CSV_BASE = Path("../reports/csv-reports").resolve()
DEPS_DIR = CSV_BASE / CATEGORY

NA_LITS = ["", " ", "NA", "N/A", "n/a", "NaN", "NULL", "Null", "null", "None", "none", "-", "--"]

def read_csv_safe(p: Path) -> pd.DataFrame:
    """Lee un CSV si existe; si no, devuelve un DataFrame vacío."""
    p = Path(p)
    if not p.exists():
        print(f"[info] Missing CSV: {p}")
        return pd.DataFrame()
    try:
        df = pd.read_csv(p, na_values=NA_LITS, keep_default_na=True)
        df.columns = [str(c).strip() for c in df.columns]
        df = df.dropna(how="all")
        return df
    except Exception as e:
        print(f"[warn] Failed to read {p}: {e}")
        return pd.DataFrame()

def find_col(df, *cands, default=None, contains=None):
    """Busca una columna por nombre exacto o por substring."""
    low = {c.lower(): c for c in df.columns}
    for c in cands:
        if c and c.lower() in low:
            return low[c.lower()]
    if contains:
        for k, orig in low.items():
            if contains.lower() in k:
                return orig
    return default

# Cargamos Package_Dependencies.csv
path = DEPS_DIR / "Package_Dependencies.csv"
df_pkg = read_csv_safe(path)

print("Columnas disponibles en Package_Dependencies.csv:")
print(list(df_pkg.columns))

# Localizamos las columnas clave
if not df_pkg.empty:
    c_org = find_col(df_pkg, "originPackage", contains="origin", default=None)
    c_dst = find_col(df_pkg, "destinationPackage", contains="destination", default=None)
    c_total = find_col(df_pkg, "totalDependencies", contains="total", default=None)
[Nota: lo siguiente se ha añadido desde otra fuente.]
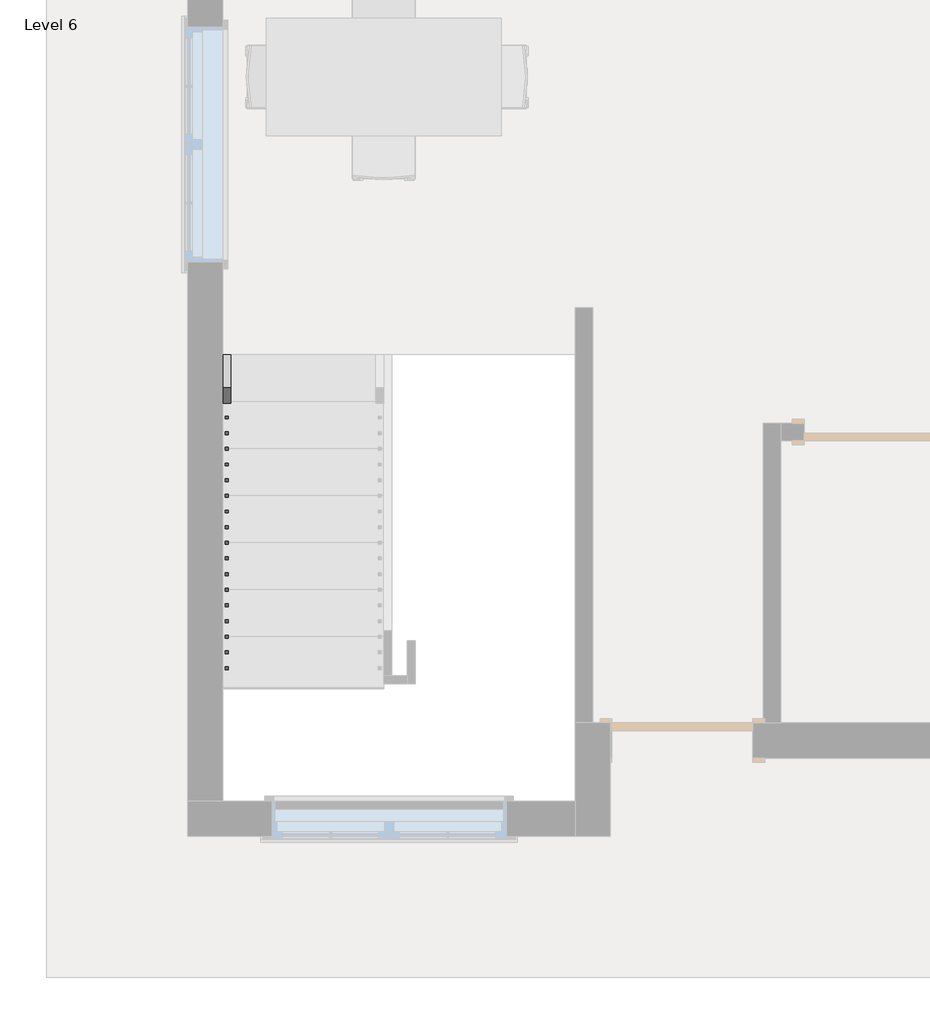
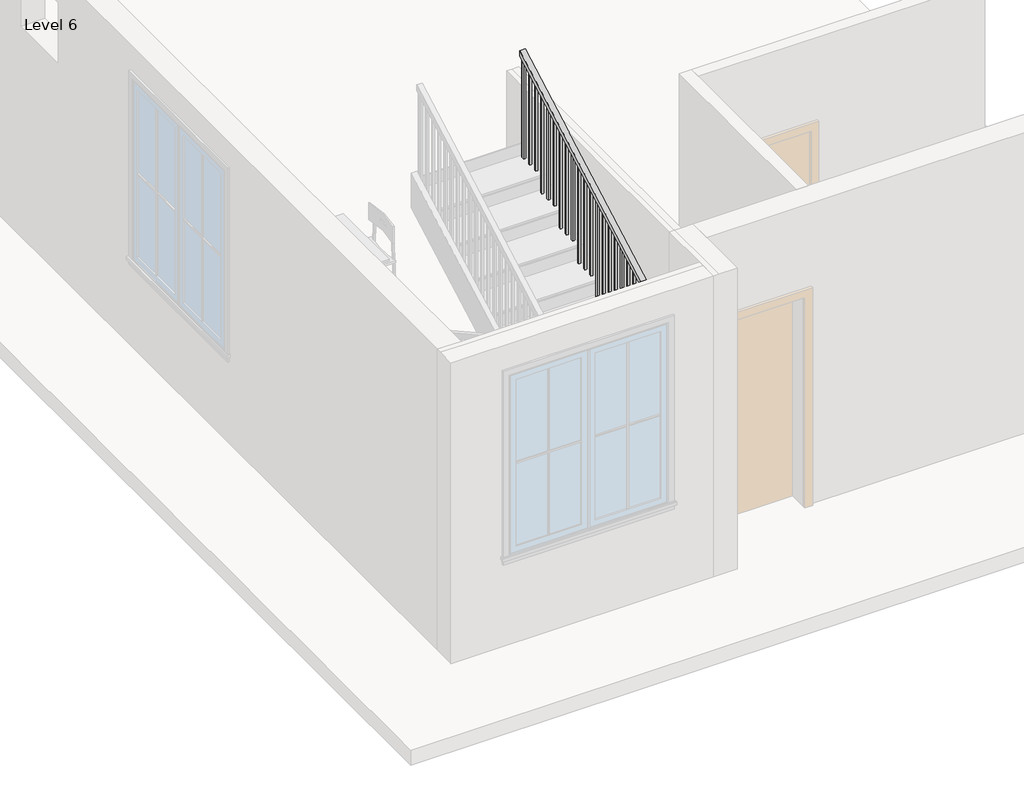
# One storey, part 2 of 3: 1 railing.
"""IFC4 building model written with IfcOpenShell, lengths in millimetres."""

from ifc_helpers import new_model, si_unit, frame, origin, place, context, project, spatial, polyline, outline, extrude, faceted_brep, element, save

model = new_model("IFC4")

# Units and contexts
model_context = context("Model", 3, world=origin())
ifc_project = project(units=[si_unit("LENGTHUNIT", "METRE", prefix="MILLI")], contexts=[model_context])

# Site, building, storey
site = spatial("IfcSite", under=ifc_project)
building = spatial("IfcBuilding", under=site)
storey = spatial("IfcBuildingStorey", under=building, Name="Level 6", Elevation=15849.6)

# Railing
placement = place(None, origin())
element("IfcRailing", 1, ObjectType="Handrail - Rectangular", at=placement, inside=storey, context=model_context, shape_type="SolidModel", body=[
    faceted_brep([(-4181.480864, -3571.6080018, 16933.3333333), (-4181.480864, -3571.6080018, 16875.220221), (-4232.280864, -3571.6080018, 16875.220221), (-4232.280864, -3571.6080018, 16933.3333333), (-4181.480864, -5705.2080018, 18118.6666667), (-4181.480864, -5718.371604, 18067.8666667), (-4232.280864, -5718.371604, 18067.8666667), (-4232.280864, -5705.2080018, 18118.6666667), (-4181.480864, -6416.4080018, 18118.6666667), (-4181.480864, -6416.4080018, 18067.8666667), (-4232.280864, -6467.2080018, 18067.8666667), (-4232.280864, -6467.2080018, 18118.6666667), (-1997.080864, -6416.4080018, 18118.6666667), (-1997.080864, -6416.4080018, 18067.8666667), (-1946.280864, -6467.2080018, 18067.8666667), (-1946.280864, -6467.2080018, 18118.6666667), (-1997.080864, -5705.2080018, 18118.6666667), (-1997.080864, -5692.0443995, 18067.8666667), (-1946.280864, -5692.0443995, 18067.8666667), (-1946.280864, -5705.2080018, 18118.6666667), (-1997.080864, -3571.6080018, 19304.0), (-1946.280864, -3571.6080018, 19304.0), (-1946.280864, -3571.6080018, 19245.8868876), (-1997.080864, -3571.6080018, 19245.8868876)], [[[0, 1, 2, 3]], [[1, 0, 4, 5]], [[2, 1, 5, 6]], [[3, 2, 6, 7]], [[0, 3, 7, 4]], [[5, 4, 8, 9]], [[6, 5, 9, 10]], [[7, 6, 10, 11]], [[4, 7, 11, 8]], [[9, 8, 12, 13]], [[10, 9, 13, 14]], [[11, 10, 14, 15]], [[8, 11, 15, 12]], [[13, 12, 16, 17]], [[14, 13, 17, 18]], [[15, 14, 18, 19]], [[12, 15, 19, 16]], [[20, 21, 22, 23]], [[17, 16, 20, 23]], [[18, 17, 23, 22]], [[19, 18, 22, 21]], [[16, 19, 21, 20]]]),
    extrude(outline(polyline([(-3606.5330018, 19226.4841099), (-3587.4830018, 19237.0674432), (-3587.4830018, 18220.2666667), (-3606.5330018, 18220.2666667), (-3606.5330018, 19226.4841099)])), frame((-1981.205864, 0.0, 0.0), z_axis=(1.0, 0.0, 0.0), x_axis=(0.0, 1.0, 0.0)), (0.0, 0.0, 1.0), 19.05),
    extrude(outline(polyline([(-3708.1330018, 19170.0396654), (-3689.0830018, 19180.6229988), (-3689.0830018, 18220.2666667), (-3708.1330018, 18220.2666667), (-3708.1330018, 19170.0396654)])), frame((-1981.205864, 0.0, 0.0), z_axis=(1.0, 0.0, 0.0), x_axis=(0.0, 1.0, 0.0)), (0.0, 0.0, 1.0), 19.05),
    extrude(outline(polyline([(-3809.7330018, 19113.595221), (-3790.6830018, 19124.1785543), (-3790.6830018, 18220.2666667), (-3809.7330018, 18220.2666667), (-3809.7330018, 19113.595221)])), frame((-1981.205864, 0.0, 0.0), z_axis=(1.0, 0.0, 0.0), x_axis=(0.0, 1.0, 0.0)), (0.0, 0.0, 1.0), 19.05),
    extrude(outline(polyline([(-3911.3330018, 19057.1507765), (-3892.2830018, 19067.7341099), (-3892.2830018, 18050.9333333), (-3911.3330018, 18050.9333333), (-3911.3330018, 19057.1507765)])), frame((-1981.205864, 0.0, 0.0), z_axis=(1.0, 0.0, 0.0), x_axis=(0.0, 1.0, 0.0)), (0.0, 0.0, 1.0), 19.05),
    extrude(outline(polyline([(-4012.9330018, 19000.7063321), (-3993.8830018, 19011.2896654), (-3993.8830018, 18050.9333333), (-4012.9330018, 18050.9333333), (-4012.9330018, 19000.7063321)])), frame((-1981.205864, 0.0, 0.0), z_axis=(1.0, 0.0, 0.0), x_axis=(0.0, 1.0, 0.0)), (0.0, 0.0, 1.0), 19.05),
    extrude(outline(polyline([(-4114.5330018, 18944.2618876), (-4095.4830018, 18954.845221), (-4095.4830018, 18050.9333333), (-4114.5330018, 18050.9333333), (-4114.5330018, 18944.2618876)])), frame((-1981.205864, 0.0, 0.0), z_axis=(1.0, 0.0, 0.0), x_axis=(0.0, 1.0, 0.0)), (0.0, 0.0, 1.0), 19.05),
    extrude(outline(polyline([(-4216.1330018, 18887.8174432), (-4197.0830018, 18898.4007765), (-4197.0830018, 17881.6), (-4216.1330018, 17881.6), (-4216.1330018, 18887.8174432)])), frame((-1981.205864, 0.0, 0.0), z_axis=(1.0, 0.0, 0.0), x_axis=(0.0, 1.0, 0.0)), (0.0, 0.0, 1.0), 19.05),
    extrude(outline(polyline([(-4317.7330018, 18831.3729988), (-4298.6830018, 18841.9563321), (-4298.6830018, 17881.6), (-4317.7330018, 17881.6), (-4317.7330018, 18831.3729988)])), frame((-1981.205864, 0.0, 0.0), z_axis=(1.0, 0.0, 0.0), x_axis=(0.0, 1.0, 0.0)), (0.0, 0.0, 1.0), 19.05),
    extrude(outline(polyline([(-4419.3330018, 18774.9285543), (-4400.2830018, 18785.5118876), (-4400.2830018, 17881.6), (-4419.3330018, 17881.6), (-4419.3330018, 18774.9285543)])), frame((-1981.205864, 0.0, 0.0), z_axis=(1.0, 0.0, 0.0), x_axis=(0.0, 1.0, 0.0)), (0.0, 0.0, 1.0), 19.05),
    extrude(outline(polyline([(-4520.9330018, 18718.4841099), (-4501.8830018, 18729.0674432), (-4501.8830018, 17712.2666667), (-4520.9330018, 17712.2666667), (-4520.9330018, 18718.4841099)])), frame((-1981.205864, 0.0, 0.0), z_axis=(1.0, 0.0, 0.0), x_axis=(0.0, 1.0, 0.0)), (0.0, 0.0, 1.0), 19.05),
    extrude(outline(polyline([(-4622.5330018, 18662.0396654), (-4603.4830018, 18672.6229988), (-4603.4830018, 17712.2666667), (-4622.5330018, 17712.2666667), (-4622.5330018, 18662.0396654)])), frame((-1981.205864, 0.0, 0.0), z_axis=(1.0, 0.0, 0.0), x_axis=(0.0, 1.0, 0.0)), (0.0, 0.0, 1.0), 19.05),
    extrude(outline(polyline([(-4724.1330018, 18605.595221), (-4705.0830018, 18616.1785543), (-4705.0830018, 17712.2666667), (-4724.1330018, 17712.2666667), (-4724.1330018, 18605.595221)])), frame((-1981.205864, 0.0, 0.0), z_axis=(1.0, 0.0, 0.0), x_axis=(0.0, 1.0, 0.0)), (0.0, 0.0, 1.0), 19.05),
    extrude(outline(polyline([(-4825.7330018, 18549.1507765), (-4806.6830018, 18559.7341099), (-4806.6830018, 17542.9333333), (-4825.7330018, 17542.9333333), (-4825.7330018, 18549.1507765)])), frame((-1981.205864, 0.0, 0.0), z_axis=(1.0, 0.0, 0.0), x_axis=(0.0, 1.0, 0.0)), (0.0, 0.0, 1.0), 19.05),
    extrude(outline(polyline([(-4927.3330018, 18492.7063321), (-4908.2830018, 18503.2896654), (-4908.2830018, 17542.9333333), (-4927.3330018, 17542.9333333), (-4927.3330018, 18492.7063321)])), frame((-1981.205864, 0.0, 0.0), z_axis=(1.0, 0.0, 0.0), x_axis=(0.0, 1.0, 0.0)), (0.0, 0.0, 1.0), 19.05),
    extrude(outline(polyline([(-5028.9330018, 18436.2618876), (-5009.8830018, 18446.845221), (-5009.8830018, 17542.9333333), (-5028.9330018, 17542.9333333), (-5028.9330018, 18436.2618876)])), frame((-1981.205864, 0.0, 0.0), z_axis=(1.0, 0.0, 0.0), x_axis=(0.0, 1.0, 0.0)), (0.0, 0.0, 1.0), 19.05),
    extrude(outline(polyline([(-5130.5330018, 18379.8174432), (-5111.4830018, 18390.4007765), (-5111.4830018, 17373.6), (-5130.5330018, 17373.6), (-5130.5330018, 18379.8174432)])), frame((-1981.205864, 0.0, 0.0), z_axis=(1.0, 0.0, 0.0), x_axis=(0.0, 1.0, 0.0)), (0.0, 0.0, 1.0), 19.05),
    extrude(outline(polyline([(-5232.1330018, 18323.3729988), (-5213.0830018, 18333.9563321), (-5213.0830018, 17373.6), (-5232.1330018, 17373.6), (-5232.1330018, 18323.3729988)])), frame((-1981.205864, 0.0, 0.0), z_axis=(1.0, 0.0, 0.0), x_axis=(0.0, 1.0, 0.0)), (0.0, 0.0, 1.0), 19.05),
    extrude(outline(polyline([(-5333.7330018, 18266.9285543), (-5314.6830018, 18277.5118876), (-5314.6830018, 17373.6), (-5333.7330018, 17373.6), (-5333.7330018, 18266.9285543)])), frame((-1981.205864, 0.0, 0.0), z_axis=(1.0, 0.0, 0.0), x_axis=(0.0, 1.0, 0.0)), (0.0, 0.0, 1.0), 19.05),
    extrude(outline(polyline([(-5435.3330018, 18210.4841099), (-5416.2830018, 18221.0674432), (-5416.2830018, 17204.2666667), (-5435.3330018, 17204.2666667), (-5435.3330018, 18210.4841099)])), frame((-1981.205864, 0.0, 0.0), z_axis=(1.0, 0.0, 0.0), x_axis=(0.0, 1.0, 0.0)), (0.0, 0.0, 1.0), 19.05),
    extrude(outline(polyline([(-5536.9330018, 18154.0396654), (-5517.8830018, 18164.6229988), (-5517.8830018, 17204.2666667), (-5536.9330018, 17204.2666667), (-5536.9330018, 18154.0396654)])), frame((-1981.205864, 0.0, 0.0), z_axis=(1.0, 0.0, 0.0), x_axis=(0.0, 1.0, 0.0)), (0.0, 0.0, 1.0), 19.05),
    extrude(outline(polyline([(-5638.5330018, 18097.595221), (-5619.4830018, 18108.1785543), (-5619.4830018, 17204.2666667), (-5638.5330018, 17204.2666667), (-5638.5330018, 18097.595221)])), frame((-1981.205864, 0.0, 0.0), z_axis=(1.0, 0.0, 0.0), x_axis=(0.0, 1.0, 0.0)), (0.0, 0.0, 1.0), 19.05),
    extrude(outline(polyline([(-1962.155864, -5740.1330018), (-1981.205864, -5740.1330018), (-1981.205864, -5721.0830018), (-1962.155864, -5721.0830018), (-1962.155864, -5740.1330018)])), frame((0.0, 0.0, 17204.2666667), z_axis=(0.0, 0.0, 1.0), x_axis=(1.0, 0.0, 0.0)), (0.0, 0.0, 1.0), 863.6),
    extrude(outline(polyline([(-1962.155864, -5841.7330018), (-1981.205864, -5841.7330018), (-1981.205864, -5822.6830018), (-1962.155864, -5822.6830018), (-1962.155864, -5841.7330018)])), frame((0.0, 0.0, 17204.2666667), z_axis=(0.0, 0.0, 1.0), x_axis=(1.0, 0.0, 0.0)), (0.0, 0.0, 1.0), 863.6),
    extrude(outline(polyline([(-1962.155864, -5943.3330018), (-1981.205864, -5943.3330018), (-1981.205864, -5924.2830018), (-1962.155864, -5924.2830018), (-1962.155864, -5943.3330018)])), frame((0.0, 0.0, 17204.2666667), z_axis=(0.0, 0.0, 1.0), x_axis=(1.0, 0.0, 0.0)), (0.0, 0.0, 1.0), 863.6),
    extrude(outline(polyline([(-1962.155864, -6044.9330018), (-1981.205864, -6044.9330018), (-1981.205864, -6025.8830018), (-1962.155864, -6025.8830018), (-1962.155864, -6044.9330018)])), frame((0.0, 0.0, 17204.2666667), z_axis=(0.0, 0.0, 1.0), x_axis=(1.0, 0.0, 0.0)), (0.0, 0.0, 1.0), 863.6),
    extrude(outline(polyline([(-1962.155864, -6146.5330018), (-1981.205864, -6146.5330018), (-1981.205864, -6127.4830018), (-1962.155864, -6127.4830018), (-1962.155864, -6146.5330018)])), frame((0.0, 0.0, 17204.2666667), z_axis=(0.0, 0.0, 1.0), x_axis=(1.0, 0.0, 0.0)), (0.0, 0.0, 1.0), 863.6),
    extrude(outline(polyline([(-1962.155864, -6248.1330018), (-1981.205864, -6248.1330018), (-1981.205864, -6229.0830018), (-1962.155864, -6229.0830018), (-1962.155864, -6248.1330018)])), frame((0.0, 0.0, 17204.2666667), z_axis=(0.0, 0.0, 1.0), x_axis=(1.0, 0.0, 0.0)), (0.0, 0.0, 1.0), 863.6),
    extrude(outline(polyline([(-1962.155864, -6349.7330018), (-1981.205864, -6349.7330018), (-1981.205864, -6330.6830018), (-1962.155864, -6330.6830018), (-1962.155864, -6349.7330018)])), frame((0.0, 0.0, 17204.2666667), z_axis=(0.0, 0.0, 1.0), x_axis=(1.0, 0.0, 0.0)), (0.0, 0.0, 1.0), 863.6),
    extrude(outline(polyline([(-2082.805864, -6451.3330018), (-2082.805864, -6432.2830018), (-2063.755864, -6432.2830018), (-2063.755864, -6451.3330018), (-2082.805864, -6451.3330018)])), frame((0.0, 0.0, 17204.2666667), z_axis=(0.0, 0.0, 1.0), x_axis=(1.0, 0.0, 0.0)), (0.0, 0.0, 1.0), 863.6),
    extrude(outline(polyline([(-2184.405864, -6451.3330018), (-2184.405864, -6432.2830018), (-2165.355864, -6432.2830018), (-2165.355864, -6451.3330018), (-2184.405864, -6451.3330018)])), frame((0.0, 0.0, 17204.2666667), z_axis=(0.0, 0.0, 1.0), x_axis=(1.0, 0.0, 0.0)), (0.0, 0.0, 1.0), 863.6),
    extrude(outline(polyline([(-2286.005864, -6451.3330018), (-2286.005864, -6432.2830018), (-2266.955864, -6432.2830018), (-2266.955864, -6451.3330018), (-2286.005864, -6451.3330018)])), frame((0.0, 0.0, 17204.2666667), z_axis=(0.0, 0.0, 1.0), x_axis=(1.0, 0.0, 0.0)), (0.0, 0.0, 1.0), 863.6),
    extrude(outline(polyline([(-2387.605864, -6451.3330018), (-2387.605864, -6432.2830018), (-2368.555864, -6432.2830018), (-2368.555864, -6451.3330018), (-2387.605864, -6451.3330018)])), frame((0.0, 0.0, 17204.2666667), z_axis=(0.0, 0.0, 1.0), x_axis=(1.0, 0.0, 0.0)), (0.0, 0.0, 1.0), 863.6),
    extrude(outline(polyline([(-2489.205864, -6451.3330018), (-2489.205864, -6432.2830018), (-2470.155864, -6432.2830018), (-2470.155864, -6451.3330018), (-2489.205864, -6451.3330018)])), frame((0.0, 0.0, 17204.2666667), z_axis=(0.0, 0.0, 1.0), x_axis=(1.0, 0.0, 0.0)), (0.0, 0.0, 1.0), 863.6),
    extrude(outline(polyline([(-2590.805864, -6451.3330018), (-2590.805864, -6432.2830018), (-2571.755864, -6432.2830018), (-2571.755864, -6451.3330018), (-2590.805864, -6451.3330018)])), frame((0.0, 0.0, 17204.2666667), z_axis=(0.0, 0.0, 1.0), x_axis=(1.0, 0.0, 0.0)), (0.0, 0.0, 1.0), 863.6),
    extrude(outline(polyline([(-2692.405864, -6451.3330018), (-2692.405864, -6432.2830018), (-2673.355864, -6432.2830018), (-2673.355864, -6451.3330018), (-2692.405864, -6451.3330018)])), frame((0.0, 0.0, 17204.2666667), z_axis=(0.0, 0.0, 1.0), x_axis=(1.0, 0.0, 0.0)), (0.0, 0.0, 1.0), 863.6),
    extrude(outline(polyline([(-2794.005864, -6451.3330018), (-2794.005864, -6432.2830018), (-2774.955864, -6432.2830018), (-2774.955864, -6451.3330018), (-2794.005864, -6451.3330018)])), frame((0.0, 0.0, 17204.2666667), z_axis=(0.0, 0.0, 1.0), x_axis=(1.0, 0.0, 0.0)), (0.0, 0.0, 1.0), 863.6),
    extrude(outline(polyline([(-2895.605864, -6451.3330018), (-2895.605864, -6432.2830018), (-2876.555864, -6432.2830018), (-2876.555864, -6451.3330018), (-2895.605864, -6451.3330018)])), frame((0.0, 0.0, 17204.2666667), z_axis=(0.0, 0.0, 1.0), x_axis=(1.0, 0.0, 0.0)), (0.0, 0.0, 1.0), 863.6),
    extrude(outline(polyline([(-2997.205864, -6451.3330018), (-2997.205864, -6432.2830018), (-2978.155864, -6432.2830018), (-2978.155864, -6451.3330018), (-2997.205864, -6451.3330018)])), frame((0.0, 0.0, 17204.2666667), z_axis=(0.0, 0.0, 1.0), x_axis=(1.0, 0.0, 0.0)), (0.0, 0.0, 1.0), 863.6),
    extrude(outline(polyline([(-3098.805864, -6451.3330018), (-3098.805864, -6432.2830018), (-3079.755864, -6432.2830018), (-3079.755864, -6451.3330018), (-3098.805864, -6451.3330018)])), frame((0.0, 0.0, 17204.2666667), z_axis=(0.0, 0.0, 1.0), x_axis=(1.0, 0.0, 0.0)), (0.0, 0.0, 1.0), 863.6),
    extrude(outline(polyline([(-3200.405864, -6451.3330018), (-3200.405864, -6432.2830018), (-3181.355864, -6432.2830018), (-3181.355864, -6451.3330018), (-3200.405864, -6451.3330018)])), frame((0.0, 0.0, 17204.2666667), z_axis=(0.0, 0.0, 1.0), x_axis=(1.0, 0.0, 0.0)), (0.0, 0.0, 1.0), 863.6),
    extrude(outline(polyline([(-3302.005864, -6451.3330018), (-3302.005864, -6432.2830018), (-3282.955864, -6432.2830018), (-3282.955864, -6451.3330018), (-3302.005864, -6451.3330018)])), frame((0.0, 0.0, 17204.2666667), z_axis=(0.0, 0.0, 1.0), x_axis=(1.0, 0.0, 0.0)), (0.0, 0.0, 1.0), 863.6),
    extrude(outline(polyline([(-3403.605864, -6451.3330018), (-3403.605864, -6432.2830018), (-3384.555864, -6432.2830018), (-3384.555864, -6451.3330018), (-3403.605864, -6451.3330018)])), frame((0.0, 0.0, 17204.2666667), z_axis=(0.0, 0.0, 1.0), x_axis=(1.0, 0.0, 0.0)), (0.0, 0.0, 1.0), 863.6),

    print("Columna origen:", c_org)
    print("Columna destino:", c_dst)
    print("Columna total deps:", c_total)
else:
    c_org = c_dst = c_total = None


In [None]:
# Parámetros de visualización (puedes ajustarlos)
N_NODES = 15  # número máximo de paquetes a mostrar

if df_pkg.empty or not (c_org and c_dst and c_total):
    print("[info] No se puede construir el grafo: falta CSV o columnas esperadas.")
else:
    # Nos quedamos con las columnas relevantes
    graph_df = df_pkg[[c_org, c_dst, c_total]].copy()

    # Agrupamos por par (origen, destino) para sumar pesos, por si hay duplicados
    graph_df = graph_df.groupby([c_org, c_dst], as_index=False)[c_total].sum()

    # Calculamos "fuerza" de cada nodo (suma in + out) para seleccionar los top
    out_strength = graph_df.groupby(c_org)[c_total].sum()
    in_strength = graph_df.groupby(c_dst)[c_total].sum()
    node_strength = out_strength.add(in_strength, fill_value=0)

    # Seleccionamos los N_NODES paquetes más relevantes
    top_nodes = set(node_strength.sort_values(ascending=False).head(N_NODES).index)

    # Filtramos aristas que estén completamente dentro del subconjunto de top nodes
    mask = graph_df[c_org].isin(top_nodes) & graph_df[c_dst].isin(top_nodes)
    graph_df = graph_df[mask]

    print(f"Total de nodos top seleccionados: {len(top_nodes)}")
    print(f"Total de aristas después del filtrado: {len(graph_df)}")

    # Construimos el grafo dirigido
    G = nx.DiGraph()
    for _, row in graph_df.iterrows():
        G.add_edge(row[c_org], row[c_dst], weight=row[c_total])

    if len(G) == 0:
        print("[info] No hay suficientes aristas entre los top nodes para graficar.")
    else:
        # Layout de fuerza para ver clusters de paquetes
        pos = nx.spring_layout(G, k=0.6, seed=42)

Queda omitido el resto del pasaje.